MRT was first described as a variant of Wilms' tumour of the kidney in 1978.[1] MRTs are a rare and highly malignant childhood neoplasm. Rhabdoid tumours outside the kidney were later reported in many tissues including the liver, soft tissue, and the central nervous system (CNS). Several cases of primary intracranial MRT have been reported since its recognition as a separate entity in 1978. The term rhabdoid was used due to its similarity with rhabdomyosarcoma under the light microscope. The exact pathogenesis of MRT is unknown.

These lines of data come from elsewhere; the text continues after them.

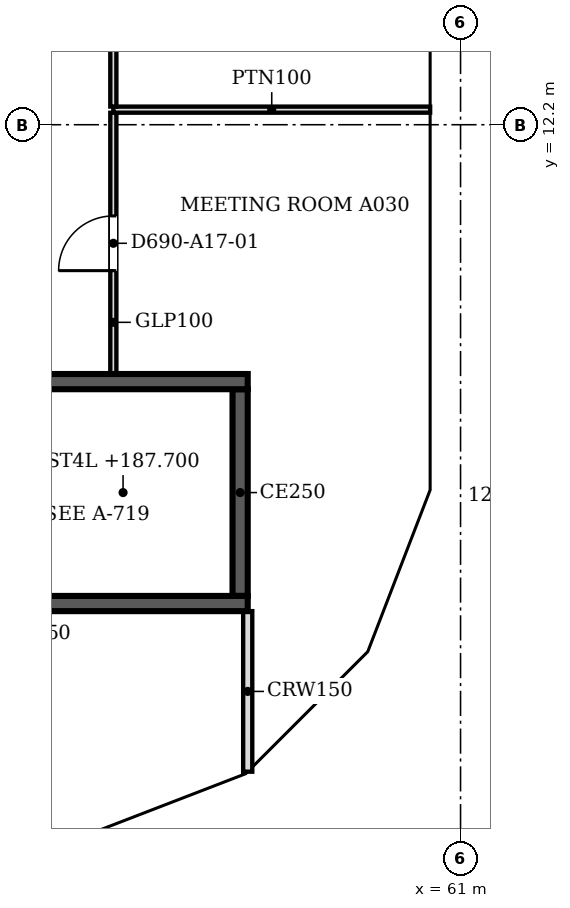
"""IFC4 building model, lengths in metres.
Left out: names, types, materials, properties, quantities, classifications, styles, units other than length and angle.
Written with IfcOpenShell. Run it as: python <this file> out.ifc"""

import sys

from ifc_helpers import new_model, si_unit, direction, frame, frame_2d, origin, place, context, subcontext, project, spatial, polyline, rectangle, outline, extrude, faceted_brep, source, transform, mapped, element, fill, save


model = new_model("IFC4")
c1 = context("Model", 3, precision=1e-05, world=origin(), true_north=direction((0.0, 1.0)))
c2 = subcontext(c1, "Body", "Model", "MODEL_VIEW")
j1 = project(units=[si_unit("LENGTHUNIT", "METRE"), si_unit("PLANEANGLEUNIT", "RADIAN")], contexts=[c1])
p1 = place(None, origin())
s1 = spatial("IfcSite", under=j1, at=p1, CompositionType="ELEMENT")
p2 = place(p1, origin())
s2 = spatial("IfcBuilding", under=s1, at=p2, CompositionType="ELEMENT")
p3 = place(p2, frame((0.0, 0.0, 185.8)))
s3 = spatial("IfcBuildingStorey", under=s2, at=p3, CompositionType="ELEMENT", Elevation=185.8)
m1 = source(origin(), c2, "Body", "Brep", [
    faceted_brep([(0.047, -0.25, 0.0), (2.997, -0.25, 3.8), (0.047, -0.25, 7.6), (0.0, -0.25, 7.541), (0.0, -0.25, 0.059), (0.093, 0.25, 7.54), (2.944, 0.25, 3.868), (2.944, 0.25, 3.732), (0.093, 0.25, 0.06), (2.997, 0.0, 3.8), (0.047, 0.0, 0.0), (0.047, 0.0, 7.6)], [[[0, 1, 2, 3, 4]], [[5, 6, 7, 8]], [[8, 7, 9, 1, 0, 10]], [[6, 5, 11, 2, 1, 9]], [[3, 2, 11]], [[10, 0, 4]], [[8, 10, 4, 3, 11, 5]], [[9, 7, 6]]]),
])
p4 = place(p3, frame((54.81, 0.233, -3.8), z_axis=(0.0, 0.0, 1.0), x_axis=(0.932990326376, 0.359901446078, 0.0)))
e1 = element("IfcWall", 1, at=p4, inside=s3, PredefinedType="SOLIDWALL", context=c2, shape_type="MappedRepresentation", body=[
    mapped(m1, transform((0.0, 0.0, 0.0), scale=1.0)),
])
m2 = source(origin(), c2, "Body", "SweptSolid", [
    extrude(outline(polyline([(0.247, 0.665), (2.681, 3.8), (0.247, 6.935), (0.247, 0.665)])), frame((0.0, 0.26, 0.0), z_axis=(0.0, -1.0, 0.0), x_axis=(1.0, 0.0, 0.0)), (0.0, 0.0, 1.0), 0.52),
])
p5 = place(p4, origin())
e2 = element("IfcOpeningElement", 2, at=p5, cuts=e1, PredefinedType="OPENING", context=c2, shape_type="MappedRepresentation", body=[
    mapped(m2, transform((0.0, 0.0, 0.0), scale=1.0)),
])
m3 = source(origin(), c2, "Body", "Brep", [
    faceted_brep([(2.944, -0.25, 0.0), (2.997, -0.25, 0.068), (2.997, -0.25, 7.532), (2.944, -0.25, 7.6), (0.0, -0.25, 3.8), (0.053, 0.25, 3.868), (2.891, 0.25, 7.532), (2.891, 0.25, 0.068), (0.053, 0.25, 3.732), (2.944, 0.0, 0.0), (2.944, 0.0, 7.6), (0.0, 0.0, 3.8)], [[[0, 1, 2, 3, 4]], [[5, 6, 7, 8]], [[1, 0, 9]], [[10, 3, 2]], [[6, 5, 11, 4, 3, 10]], [[8, 7, 9, 0, 4, 11]], [[8, 11, 5]], [[1, 9, 7, 6, 10, 2]]]),
])
p6 = place(p3, frame((57.606, 1.312, -3.8), z_axis=(0.0, 0.0, 1.0), x_axis=(0.707147509625, 0.707066050402, 0.0)))
e3 = element("IfcWall", 3, at=p6, inside=s3, PredefinedType="SOLIDWALL", context=c2, shape_type="MappedRepresentation", body=[
    mapped(m3, transform((0.0, 0.0, 0.0), scale=1.0)),
])
m4 = source(origin(), c2, "Body", "SweptSolid", [
    extrude(outline(polyline([(2.744, 6.934), (0.316, 3.8), (2.744, 0.666), (2.744, 6.934)])), frame((0.0, 0.26, 0.0), z_axis=(0.0, -1.0, 0.0), x_axis=(1.0, 0.0, 0.0)), (0.0, 0.0, 1.0), 0.52),
])
p7 = place(p6, origin())
e4 = element("IfcOpeningElement", 4, at=p7, cuts=e3, PredefinedType="OPENING", context=c2, shape_type="MappedRepresentation", body=[
    mapped(m4, transform((0.0, 0.0, 0.0), scale=1.0)),
])
m5 = source(origin(), c2, "Body", "Brep", [
    faceted_brep([(0.053, -0.25, 0.0), (3.003, -0.25, 3.8), (0.053, -0.25, 7.6), (0.0, -0.25, 7.532), (0.0, -0.25, 0.068), (0.106, 0.25, 7.532), (2.957, 0.25, 3.86), (2.957, 0.25, 3.74), (0.106, 0.25, 0.068), (3.003, 0.0, 3.8), (0.053, 0.0, 0.0), (0.053, 0.0, 7.6)], [[[0, 1, 2, 3, 4]], [[5, 6, 7, 8]], [[8, 7, 9, 1, 0, 10]], [[6, 5, 11, 2, 1, 9]], [[3, 2, 11]], [[10, 0, 4]], [[8, 10, 4, 3, 11, 5]], [[9, 7, 6]]]),
])
p8 = place(p3, frame((59.669, 3.344, -3.8), z_axis=(0.0, 0.0, 1.0), x_axis=(0.35992665181, 0.932980602862, 0.0)))
e5 = element("IfcWall", 5, at=p8, inside=s3, PredefinedType="SOLIDWALL", context=c2, shape_type="MappedRepresentation", body=[
    mapped(m5, transform((0.0, 0.0, 0.0), scale=1.0)),
])
m6 = source(origin(), c2, "Body", "SweptSolid", [
    extrude(outline(polyline([(0.253, 0.665), (2.687, 3.8), (0.253, 6.935), (0.253, 0.665)])), frame((0.0, 0.26, 0.0), z_axis=(0.0, -1.0, 0.0), x_axis=(1.0, 0.0, 0.0)), (0.0, 0.0, 1.0), 0.52),
])
p9 = place(p8, origin())
e6 = element("IfcOpeningElement", 6, at=p9, cuts=e5, PredefinedType="OPENING", context=c2, shape_type="MappedRepresentation", body=[
    mapped(m6, transform((0.0, 0.0, 0.0), scale=1.0)),
])
m7 = source(origin(), c2, "Body", "Brep", [
    faceted_brep([(3.003, -0.25, 0.0), (6.053, -0.25, 3.8), (3.003, -0.25, 7.6), (0.0, -0.25, 3.8), (0.047, 0.25, 3.859), (3.003, 0.25, 7.6), (6.053, 0.25, 3.8), (3.003, 0.25, 0.0), (0.047, 0.25, 3.741), (0.0, 0.0, 3.8)], [[[0, 1, 2, 3]], [[4, 5, 6, 7, 8]], [[7, 6, 1, 0]], [[6, 5, 2, 1]], [[5, 4, 9, 3, 2]], [[8, 7, 0, 3, 9]], [[8, 9, 4]]]),
])
p10 = place(p3, frame((60.75, 6.146, -3.8), z_axis=(0.0, 0.0, 1.0), x_axis=(0.0, 1.0, 0.0)))
e7 = element("IfcWall", 7, at=p10, inside=s3, PredefinedType="SOLIDWALL", context=c2, shape_type="MappedRepresentation", body=[
    mapped(m7, transform((0.0, 0.0, 0.0), scale=1.0)),
])
m8 = source(origin(), c2, "Body", "SweptSolid", [
    extrude(outline(polyline([(3.005, 0.401), (5.733, 3.8), (3.005, 7.199), (0.319, 3.8), (3.005, 0.401)])), frame((0.0, 0.26, 0.0), z_axis=(0.0, -1.0, 0.0), x_axis=(1.0, 0.0, 0.0)), (0.0, 0.0, 1.0), 0.52),
])
p11 = place(p10, origin())
e8 = element("IfcOpeningElement", 8, at=p11, cuts=e7, PredefinedType="OPENING", context=c2, shape_type="MappedRepresentation", body=[
    mapped(m8, transform((0.0, 0.0, 0.0), scale=1.0)),
])
m9 = source(origin(), c2, "Body", "SweptSolid", [
    extrude(outline(polyline([(3.05, 0.0), (6.1, 3.8), (3.05, 7.6), (0.0, 3.8), (3.05, 0.0)])), frame((0.0, 0.25, 0.0), z_axis=(0.0, -1.0, 0.0), x_axis=(1.0, 0.0, 0.0)), (0.0, 0.0, 1.0), 0.5),
])
p12 = place(p3, frame((60.75, 12.2, -3.8), z_axis=(0.0, 0.0, 1.0), x_axis=(0.0, 1.0, 0.0)))
e9 = element("IfcWall", 9, at=p12, inside=s3, PredefinedType="SOLIDWALL", context=c2, shape_type="MappedRepresentation", body=[
    mapped(m9, transform((0.0, 0.0, 0.0), scale=1.0)),
])
m10 = source(origin(), c2, "Body", "SweptSolid", [
    extrude(outline(polyline([(3.05, 0.399), (5.78, 3.8), (3.05, 7.201), (0.321, 3.8), (3.05, 0.399)])), frame((0.0, 0.26, 0.0), z_axis=(0.0, -1.0, 0.0), x_axis=(1.0, 0.0, 0.0)), (0.0, 0.0, 1.0), 0.52),
])
p13 = place(p12, origin())
e10 = element("IfcOpeningElement", 10, at=p13, cuts=e9, PredefinedType="OPENING", context=c2, shape_type="MappedRepresentation", body=[
    mapped(m10, transform((0.0, 0.0, 0.0), scale=1.0)),
])
p14 = place(p2, frame((0.0, 0.0, 189.6)))
s4 = spatial("IfcBuildingStorey", under=s2, at=p14, CompositionType="ELEMENT", Elevation=189.6)
m11 = source(origin(), c2, "Body", "Brep", [
    faceted_brep([(2.95, -0.25, 0.0), (3.003, -0.25, 0.068), (3.003, -0.25, 7.531), (2.95, -0.25, 7.6), (0.0, -0.25, 3.8), (0.047, 0.25, 3.86), (2.898, 0.25, 7.532), (2.898, 0.25, 0.068), (0.047, 0.25, 3.74), (2.95, 0.0, 0.0), (2.95, 0.0, 7.6), (0.0, 0.0, 3.8)], [[[0, 1, 2, 3, 4]], [[5, 6, 7, 8]], [[1, 0, 9]], [[10, 3, 2]], [[6, 5, 11, 4, 3, 10]], [[8, 7, 9, 0, 4, 11]], [[8, 11, 5]], [[1, 9, 7, 6, 10, 2]]]),
])
p15 = place(p14, frame((54.854, 0.25, -3.8), z_axis=(0.0, 0.0, 1.0), x_axis=(0.932970071518, 0.359953949349, 0.0)))
e11 = element("IfcWall", 11, at=p15, inside=s4, PredefinedType="SOLIDWALL", context=c2, shape_type="MappedRepresentation", body=[
    mapped(m11, transform((0.0, 0.0, 0.0), scale=1.0)),
])
m12 = source(origin(), c2, "Body", "SweptSolid", [
    extrude(outline(polyline([(2.75, 6.935), (0.316, 3.8), (2.75, 0.665), (2.75, 6.935)])), frame((0.0, 0.26, 0.0), z_axis=(0.0, -1.0, 0.0), x_axis=(1.0, 0.0, 0.0)), (0.0, 0.0, 1.0), 0.52),
])
p16 = place(p15, origin())
e12 = element("IfcOpeningElement", 12, at=p16, cuts=e11, PredefinedType="OPENING", context=c2, shape_type="MappedRepresentation", body=[
    mapped(m12, transform((0.0, 0.0, 0.0), scale=1.0)),
])
m13 = source(origin(), c2, "Body", "Brep", [
    faceted_brep([(0.053, -0.25, 0.0), (2.997, -0.25, 3.8), (0.053, -0.25, 7.6), (0.0, -0.25, 7.532), (0.0, -0.25, 0.068), (0.106, 0.25, 7.531), (2.944, 0.25, 3.868), (2.944, 0.25, 3.732), (0.106, 0.25, 0.068), (2.997, 0.0, 3.8), (0.053, 0.0, 0.0), (0.053, 0.0, 7.6)], [[[0, 1, 2, 3, 4]], [[5, 6, 7, 8]], [[8, 7, 9, 1, 0, 10]], [[6, 5, 11, 2, 1, 9]], [[3, 2, 11]], [[10, 0, 4]], [[8, 10, 4, 3, 11, 5]], [[7, 6, 9]]]),
])
p17 = place(p14, frame((57.569, 1.274, -3.8), z_axis=(0.0, 0.0, 1.0), x_axis=(0.707066050402, 0.707147509625, 0.0)))
e13 = element("IfcWall", 13, at=p17, inside=s4, PredefinedType="SOLIDWALL", context=c2, shape_type="MappedRepresentation", body=[
    mapped(m13, transform((0.0, 0.0, 0.0), scale=1.0)),
])
m14 = source(origin(), c2, "Body", "SweptSolid", [
    extrude(outline(polyline([(0.253, 0.666), (2.681, 3.8), (0.253, 6.934), (0.253, 0.666)])), frame((0.0, 0.26, 0.0), z_axis=(0.0, -1.0, 0.0), x_axis=(1.0, 0.0, 0.0)), (0.0, 0.0, 1.0), 0.52),
])
p18 = place(p17, origin())
e14 = element("IfcOpeningElement", 14, at=p18, cuts=e13, PredefinedType="OPENING", context=c2, shape_type="MappedRepresentation", body=[
    mapped(m14, transform((0.0, 0.0, 0.0), scale=1.0)),
])
m15 = source(origin(), c2, "Body", "Brep", [
    faceted_brep([(2.95, -0.25, 0.0), (2.997, -0.25, 0.059), (2.997, -0.25, 7.541), (2.95, -0.25, 7.6), (0.0, -0.25, 3.8), (0.053, 0.25, 3.868), (2.904, 0.25, 7.54), (2.904, 0.25, 0.06), (0.053, 0.25, 3.732), (2.95, 0.0, 0.0), (2.95, 0.0, 7.6), (0.0, 0.0, 3.8)], [[[0, 1, 2, 3, 4]], [[5, 6, 7, 8]], [[1, 0, 9]], [[10, 3, 2]], [[6, 5, 11, 4, 3, 10]], [[8, 7, 9, 0, 4, 11]], [[8, 11, 5]], [[1, 9, 7, 6, 10, 2]]]),
])
p19 = place(p14, frame((59.688, 3.394, -3.8), z_axis=(0.0, 0.0, 1.0), x_axis=(0.359972353723, 0.932962970624, 0.0)))
e15 = element("IfcWall", 15, at=p19, inside=s4, PredefinedType="SOLIDWALL", context=c2, shape_type="MappedRepresentation", body=[
    mapped(m15, transform((0.0, 0.0, 0.0), scale=1.0)),
])
p20 = place(p19, origin())
e16 = element("IfcOpeningElement", 16, at=p20, cuts=e15, PredefinedType="OPENING", context=c2, shape_type="MappedRepresentation", body=[
    mapped(m12, transform((0.0, 0.0, 0.0), scale=1.0)),
])
m16 = source(origin(), c2, "Body", "Brep", [
    faceted_brep([(0.047, -0.25, 0.0), (3.05, -0.25, 3.8), (0.047, -0.25, 7.6), (0.0, -0.25, 7.54), (0.0, -0.25, 0.06), (0.093, 0.25, 7.541), (3.05, 0.25, 3.8), (0.093, 0.25, 0.059), (0.047, 0.0, 0.0), (0.047, 0.0, 7.6)], [[[0, 1, 2, 3, 4]], [[5, 6, 7]], [[7, 6, 1, 0, 8]], [[6, 5, 9, 2, 1]], [[3, 2, 9]], [[8, 0, 4]], [[7, 8, 4, 3, 9, 5]]]),
])
p21 = place(p14, frame((60.75, 6.1, -3.8), z_axis=(0.0, 0.0, 1.0), x_axis=(0.0, 1.0, 0.0)))
e17 = element("IfcWall", 17, at=p21, inside=s4, PredefinedType="SOLIDWALL", context=c2, shape_type="MappedRepresentation", body=[
    mapped(m16, transform((0.0, 0.0, 0.0), scale=1.0)),
])
m17 = source(origin(), c2, "Body", "SweptSolid", [
    extrude(outline(polyline([(0.247, 0.656), (2.731, 3.8), (0.247, 6.944), (0.247, 0.656)])), frame((0.0, 0.26, 0.0), z_axis=(0.0, -1.0, 0.0), x_axis=(1.0, 0.0, 0.0)), (0.0, 0.0, 1.0), 0.52),
])
p22 = place(p21, origin())
e18 = element("IfcOpeningElement", 18, at=p22, cuts=e17, PredefinedType="OPENING", context=c2, shape_type="MappedRepresentation", body=[
    mapped(m17, transform((0.0, 0.0, 0.0), scale=1.0)),
])
m18 = source(origin(), c2, "Body", "SweptSolid", [
    extrude(outline(polyline([(3.05, 0.0), (6.1, 3.8), (3.05, 7.6), (0.0, 3.8), (3.05, 0.0)])), frame((0.0, 0.25, 0.0), z_axis=(0.0, -1.0, 0.0), x_axis=(1.0, 0.0, 0.0)), (0.0, 0.0, 1.0), 0.5),
])
p23 = place(p14, frame((60.75, 9.15, -3.8), z_axis=(0.0, 0.0, 1.0), x_axis=(0.0, 1.0, 0.0)))
e19 = element("IfcWall", 19, at=p23, inside=s4, PredefinedType="SOLIDWALL", context=c2, shape_type="MappedRepresentation", body=[
    mapped(m18, transform((0.0, 0.0, 0.0), scale=1.0)),
])
m19 = source(origin(), c2, "Body", "SweptSolid", [
    extrude(outline(polyline([(3.05, 0.399), (5.78, 3.8), (3.05, 7.2), (0.321, 3.8), (3.05, 0.399)])), frame((0.0, 0.26, 0.0), z_axis=(0.0, -1.0, 0.0), x_axis=(1.0, 0.0, 0.0)), (0.0, 0.0, 1.0), 0.52),
])
p24 = place(p23, origin())
e20 = element("IfcOpeningElement", 20, at=p24, cuts=e19, PredefinedType="OPENING", context=c2, shape_type="MappedRepresentation", body=[
    mapped(m19, transform((0.0, 0.0, 0.0), scale=1.0)),
])
p25 = place(p3, frame((57.5, 4.325, 0.0), z_axis=(0.0, 0.0, 1.0), x_axis=(-1.0, 0.0, 0.0)))
e21 = element("IfcWall", 21, at=p25, inside=s3, PredefinedType="SOLIDWALL", context=c2, shape_type="SweptSolid", body=[
    extrude(rectangle(XDim=8.5, YDim=0.25, at=frame_2d((4.25, 0.0))), origin(), (0.0, 0.0, 1.0), 3.8),
])
m20 = source(origin(), c2, "Body", "SweptSolid", [
    extrude(rectangle(XDim=1.2, YDim=2.1, at=frame_2d((0.6, 1.05))), frame((0.0, 0.135, 0.0), z_axis=(0.0, -1.0, 0.0), x_axis=(1.0, 0.0, 0.0)), (0.0, 0.0, 1.0), 0.27),
])
p26 = place(p25, frame((6.9, 0.0, 0.0)))
e22 = element("IfcOpeningElement", 22, at=p26, cuts=e21, PredefinedType="OPENING", context=c2, shape_type="MappedRepresentation", body=[
    mapped(m20, transform((0.0, 0.0, 0.0), scale=1.0)),
])
p27 = place(p3, frame((49.0, 7.975, 0.0), z_axis=(0.0, 0.0, 1.0), x_axis=(1.0, 0.0, 0.0)))
e23 = element("IfcWall", 23, at=p27, inside=s3, PredefinedType="SOLIDWALL", context=c2, shape_type="SweptSolid", body=[
    extrude(rectangle(XDim=8.5, YDim=0.25, at=frame_2d((4.25, 0.0))), origin(), (0.0, 0.0, 1.0), 3.8),
])
p28 = place(p3, frame((57.375, 7.85, 0.0), z_axis=(0.0, 0.0, 1.0), x_axis=(0.0, -1.0, 0.0)))
e24 = element("IfcWall", 24, at=p28, inside=s3, PredefinedType="SOLIDWALL", context=c2, shape_type="SweptSolid", body=[
    extrude(rectangle(XDim=3.4, YDim=0.25, at=frame_2d((1.7, 0.0))), origin(), (0.0, 0.0, 1.0), 3.8),
])
p29 = place(p3, frame((57.5, 1.559, 0.0), z_axis=(0.0, 0.0, 1.0), x_axis=(0.0, 1.0, 0.0)))
e25 = element("IfcWall", 25, at=p29, inside=s3, PredefinedType="PARTITIONING", context=c2, shape_type="SweptSolid", body=[
    extrude(rectangle(XDim=2.641, YDim=0.15, at=frame_2d((1.32, 0.0))), origin(), (0.0, 0.0, 1.0), 3.067),
])
p30 = place(p3, frame((55.29, 12.397, 0.0), z_axis=(0.0, 0.0, 1.0), x_axis=(0.0, -1.0, 0.0)))
e26 = element("IfcWall", 26, at=p30, inside=s3, PredefinedType="PARTITIONING", context=c2, shape_type="SweptSolid", body=[
    extrude(rectangle(XDim=4.297, YDim=0.1, at=frame_2d((2.148, 0.0))), origin(), (0.0, 0.0, 1.0), 3.067),
])
m21 = source(origin(), c2, "Body", "SweptSolid", [
    extrude(rectangle(XDim=0.9, YDim=2.1, at=frame_2d((0.45, 1.05))), frame((0.0, 0.06, 0.0), z_axis=(0.0, -1.0, 0.0), x_axis=(1.0, 0.0, 0.0)), (0.0, 0.0, 1.0), 0.12),
])
p31 = place(p30, frame((1.697, 0.0, 0.0)))
e27 = element("IfcOpeningElement", 27, at=p31, cuts=e26, PredefinedType="OPENING", context=c2, shape_type="MappedRepresentation", body=[
    mapped(m21, transform((0.0, 0.0, 0.0), scale=1.0)),
])
p32 = place(p3, frame((55.29, 12.448, 0.0), z_axis=(0.0, 0.0, 1.0), x_axis=(1.0, 0.0, 0.0)))
e28 = element("IfcWall", 28, at=p32, inside=s3, PredefinedType="PARTITIONING", context=c2, shape_type="SweptSolid", body=[
    extrude(rectangle(XDim=5.21, YDim=0.1, at=frame_2d((2.605, 0.0))), origin(), (0.0, 0.0, 1.0), 3.067),
])
p33 = place(p3, frame((55.29, 17.024, 0.0), z_axis=(0.0, 0.0, 1.0), x_axis=(0.0, -1.0, 0.0)))
e29 = element("IfcWall", 29, at=p33, inside=s3, PredefinedType="PARTITIONING", context=c2, shape_type="SweptSolid", body=[
    extrude(rectangle(XDim=4.525, YDim=0.1, at=frame_2d((2.263, 0.0))), origin(), (0.0, 0.0, 1.0), 3.067),
])
p34 = place(p33, frame((1.825, 0.0, 0.0)))
e30 = element("IfcOpeningElement", 30, at=p34, cuts=e29, PredefinedType="OPENING", context=c2, shape_type="MappedRepresentation", body=[
    mapped(m21, transform((0.0, 0.0, 0.0), scale=1.0)),
])
m22 = source(origin(), c2, "Body", "SweptSolid", [
    extrude(rectangle(XDim=0.9, YDim=2.1, at=frame_2d((0.45, 1.05))), frame((0.0, 0.025, 0.0), z_axis=(0.0, -1.0, 0.0), x_axis=(1.0, 0.0, 0.0)), (0.0, 0.0, 1.0), 0.05),
])
p35 = place(p31, origin())
e31 = element("IfcDoor", 31, at=p35, inside=s3, OperationType="SINGLE_SWING_RIGHT", PredefinedType="DOOR", context=c2, shape_type="MappedRepresentation", body=[
    mapped(m22, transform((0.0, 0.0, 0.0), scale=1.0)),
])
fill(e27, e31)
save(model, sys.argv[1])

The cerebellum is the most common location for primary intracerebral MRT (i.e., atypical teratoid rhabdoid tumor). Biggs et al. were first to report a primary intracranial MRT around 1987.[2]
Although the cell of origin is not known, cytogenetic studies have suggested a common genetic basis for rhabdoid tumours regardless of location with abnormalities in chromosome 22 commonly occurring.
^Beckwith JB, Palmer NF (1978). "Histopathology and prognosis of Wilms tumors: results from the First National Wilms' Tumor Study". Cancer. 41 (5): 1937–48. doi:10.1002/1097-0142(197805)41:5<1937::AID-CNCR2820410538>3.0.CO;2-U. PMID 206343.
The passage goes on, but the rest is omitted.